Codeforces Round #363 (Div. 2) C. Vacations 贪心+dp
Vasya has n days of vacations! So he decided to improve his IT skills and do sport. Vasya knows the following information about each of this ndays: whether that gym opened and whether a contest was carried out in the Internet on that day. For the i-th day there are four options:
- on this day the gym is closed and the contest is not carried out;
- on this day the gym is closed and the contest is carried out;
- on this day the gym is open and the contest is not carried out;
- on this day the gym is open and the contest is carried out.
On each of days Vasya can either have a rest or write the contest (if it is carried out on this day), or do sport (if the gym is open on this day).

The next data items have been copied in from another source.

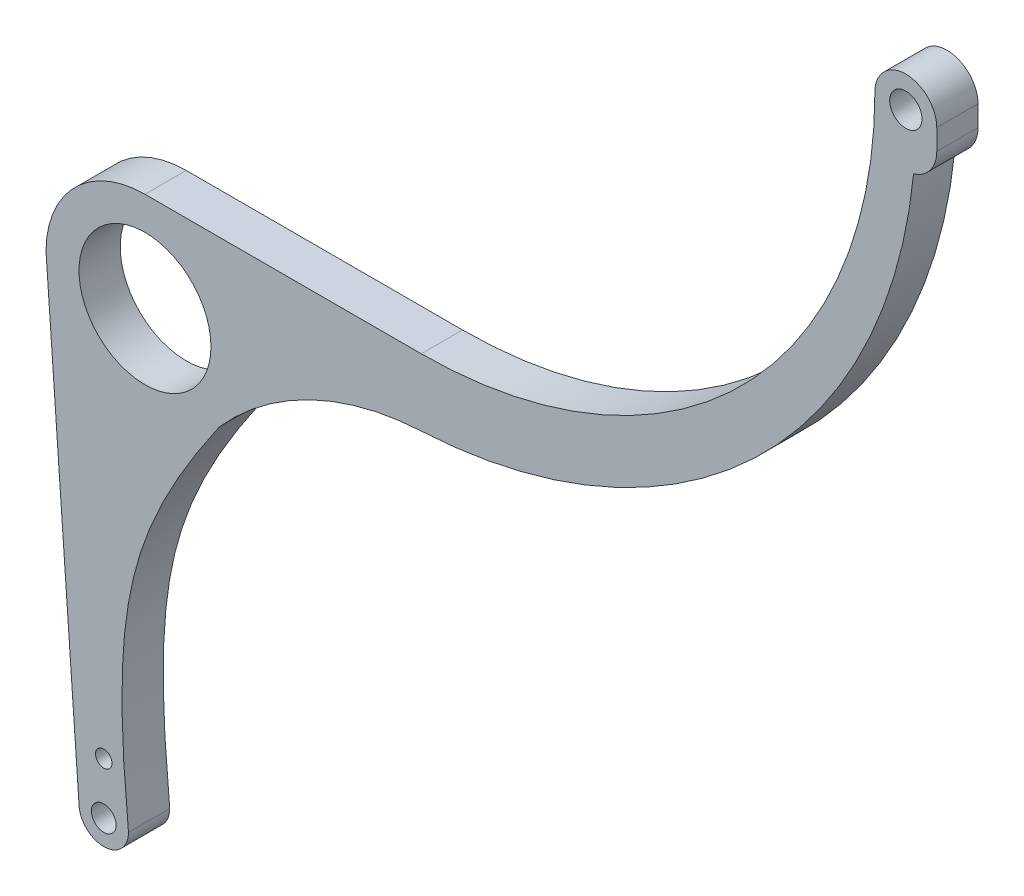
SolidWorks part; units mm, degrees
ref_plane "前视基准面" through (0, 0, 0) normal (0, 0, 1) x (1, 0, 0)
ref_plane "上视基准面" through (0, 0, 0) normal (0, 1, 0) x (1, 0, 0)
ref_plane "右视基准面" through (0, 0, 0) normal (1, 0, 0) x (0, 0, -1)
other "Configuration Table"
sketch "草图1" plane through (0, 0, 0) normal (0, 0, 1) x (1, 0, 0)
  line L0 (-60.8711, 0) -> (72.3657, 0) construction
  line L1 (-84.052, 112) -> (106.5467, 112) construction
  line L2 (0, 12.5) -> (0, -18.0859) construction
  line L3 (0, -18.0859) -> (10, -18.0859) construction
  line L4 (10, -18.0859) -> (10, 407.7959) construction
  line L5 (-9, 59.8208) -> (-9, -18.0859) construction
  line L6 (-14, 112) -> (-6, 0)
  line L7 (-176.4012, 246) -> (270.3663, 246) construction
  line L8 (77, 485.9134) -> (77, 110.3328) construction
  line L9 (10, 136) -> (77, 136)
  line L10 (187, 246) -> (194.5, 246) construction
  line L11 (202, 246) -> (202, 241)
  line L12 (202, 241) -> (194.1788, 241) construction
  line L13 (70.6056, 267.7759) -> (70.6056, 254.1409) construction
  line L14 (4.2515, 49.8248) -> (157.9856, 49.8248) construction
  line L15 (80.543, 130.5208) -> (80.543, 47.5555) construction
  line L16 (4.7446, 96.1309) -> (49.2871, 96.1309) construction
  line L17 (-29.78, 356) -> (265.8488, 356) construction
  circle A0 centre (0, 0) radius 3
  arc A1 (-6, 0) -> (6, 0) centre (0, 0) ccw
  circle A2 centre (10, 112) radius 16
  arc A3 (10, 136) -> (-14, 112) centre (10, 112) ccw
  circle A4 centre (77, 246) radius 115 construction
  arc A5 (77, 136) -> (187, 246) centre (77, 246) ccw
  arc A6 (202, 246) -> (187, 246) centre (194.5, 246) ccw
  arc A9 (196.3799, 233.4949) -> (202, 241) centre (194.1788, 241) ccw
  arc A10 (77, 119.7674) -> (28.0048, 96.1309) centre (80.543, 49.8248) ccw
  arc A11 (77, 119.7674) -> (196.3799, 233.4949) centre (70.6056, 246) ccw
  circle A12 centre (194.5, 246) radius 3.919
  circle A13 centre (0, 12.5) radius 2
  spline S0 degree 3 poles (6, 0) (1.5887, 45.6809) (5.6041, 63.6432) (28.0048, 96.1309) knots 0 0 0 0 0.788155 0.788155 0.788155 0.788155
  dimension "D1" = 6
  dimension "D2" = 12
  dimension "D5" = 19
  dimension "D6" = 134
  dimension "D8" = 230
  dimension "D9" = 6.3944
  dimension "D10" = 62.1752
  dimension "D12" = 15.8691
  dimension "D14" = 24
  dimension "D15" = 4
  dimension "D16" = 7.838
  dimension "D17" = 7.5
  dimension "D18" = 220
  dimension "D3" = 112
  dimension "D4" = 9
  dimension "D7" = 67
  dimension "D11" = 70.543
  dimension "D13" = 12.5
extrude "凸台-拉伸1" add sketch "草图1" along normal blind 10

Find the minimum number of days on which Vasya will have a rest (it means, he will not do sport and write the contest at the same time). The only limitation that Vasya has — he does not want to do the same activity on two consecutive days: it means, he will not do sport on two consecutive days, and write the contest on two consecutive days.
The first line contains a positive integer n (1 ≤ n ≤ 100) — the number of days of Vasya's vacations.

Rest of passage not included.